If there was a government agency charged with tracking statistics on family violence and particularly homicides, it would make it more likely that action would be taken to reduce this terrible number so that not so many children would die.

2 Comments

  1. How tragic

  2. Jennifer, this is a topic I actually know something of.

    I once was assigned to keep track of a region of Child Protection Victoria databases (we had about 5 or 6 which never reconciled). I had trained in social welfare, but also my economic thesis had about misunderstanding KPIs, meten is weten. Rather, gelang voor wat gemeten (giving importance to what measured) instead of meten wat belangrijk (measuring what is important). I had also studied Biology which turned out to be helpful (habeas corpus – produce the body).

    There are various definitions of Family Violence: particularly between Criminal courts, Childrens Courts and Family courts: let alone within Police practices, social work and medical fraternity. I stressed that if anyone says something like last year there were 68 women killed by current or former partners, they are bound to be making the figure up or ignorant of such things. For instance, Police investigation take months, state Coroners take months if not years to reach conclusions, and criminal cases always take years.

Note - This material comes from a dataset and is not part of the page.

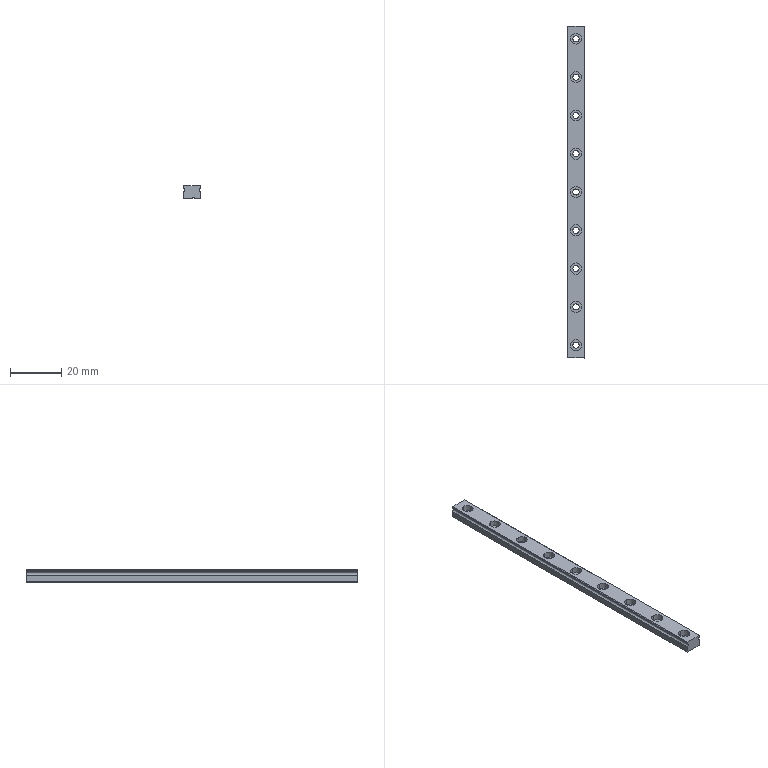Component | SolidWorks | MANIFOLD_SOLID_BREP_40_1-1 | 1 solid | 71 faces | volume 3726 mm3 | cylinder 49 | plane 22 | commonest cylinder face diameters 2.4 x18 4.4 x12 0.6 x10 4.2 x6 1.4 x3

The figures for any time period will go up and down as the various authorities complete their work: most up. Although, names can be distracted too. So broad professionally guided estimates ought be more trusted. They are acknowledging the uncertainty.

    I show the students had to integrate crime states, epidemiological studies, State Child Death Inquiries, Commonwealth Crime Intelligence Agency, Institute of Health and Welfare, academic studies, media reports, case experince, etc. I also encourage them to read up Australia’s anthropologist, botanical illustrator, activist for Aboriginal rights Olive Pink to appreciate that there is some information professional choose not to gather as it serves no good.

    But before I have them doubting everything, eg, the Monash-Deakin Universities Filicide Research cited is quite flawed – But for good motives. I at less have the students appreciate that in Victoria in the 1970s there were 25-30 women and children wantonly killed each year, and it is now 10-15 each year; or about 15 families not experiencing untold grief each year. Never tell me it should be none as I know enough graves where frail bodies are buried.

    Most of this reduction is due to advances in medical technology, with law reform, change practices of Police, Child Protection, development of support services helped a bit. I add that NSWs spends percapita twice as much as Victoria on Child Protection services with no discernible difference in child deaths. But we can readily reduce the incidence of women and children being killed by half over the next decade and are well on the way to doing so.

    That part though is another subject.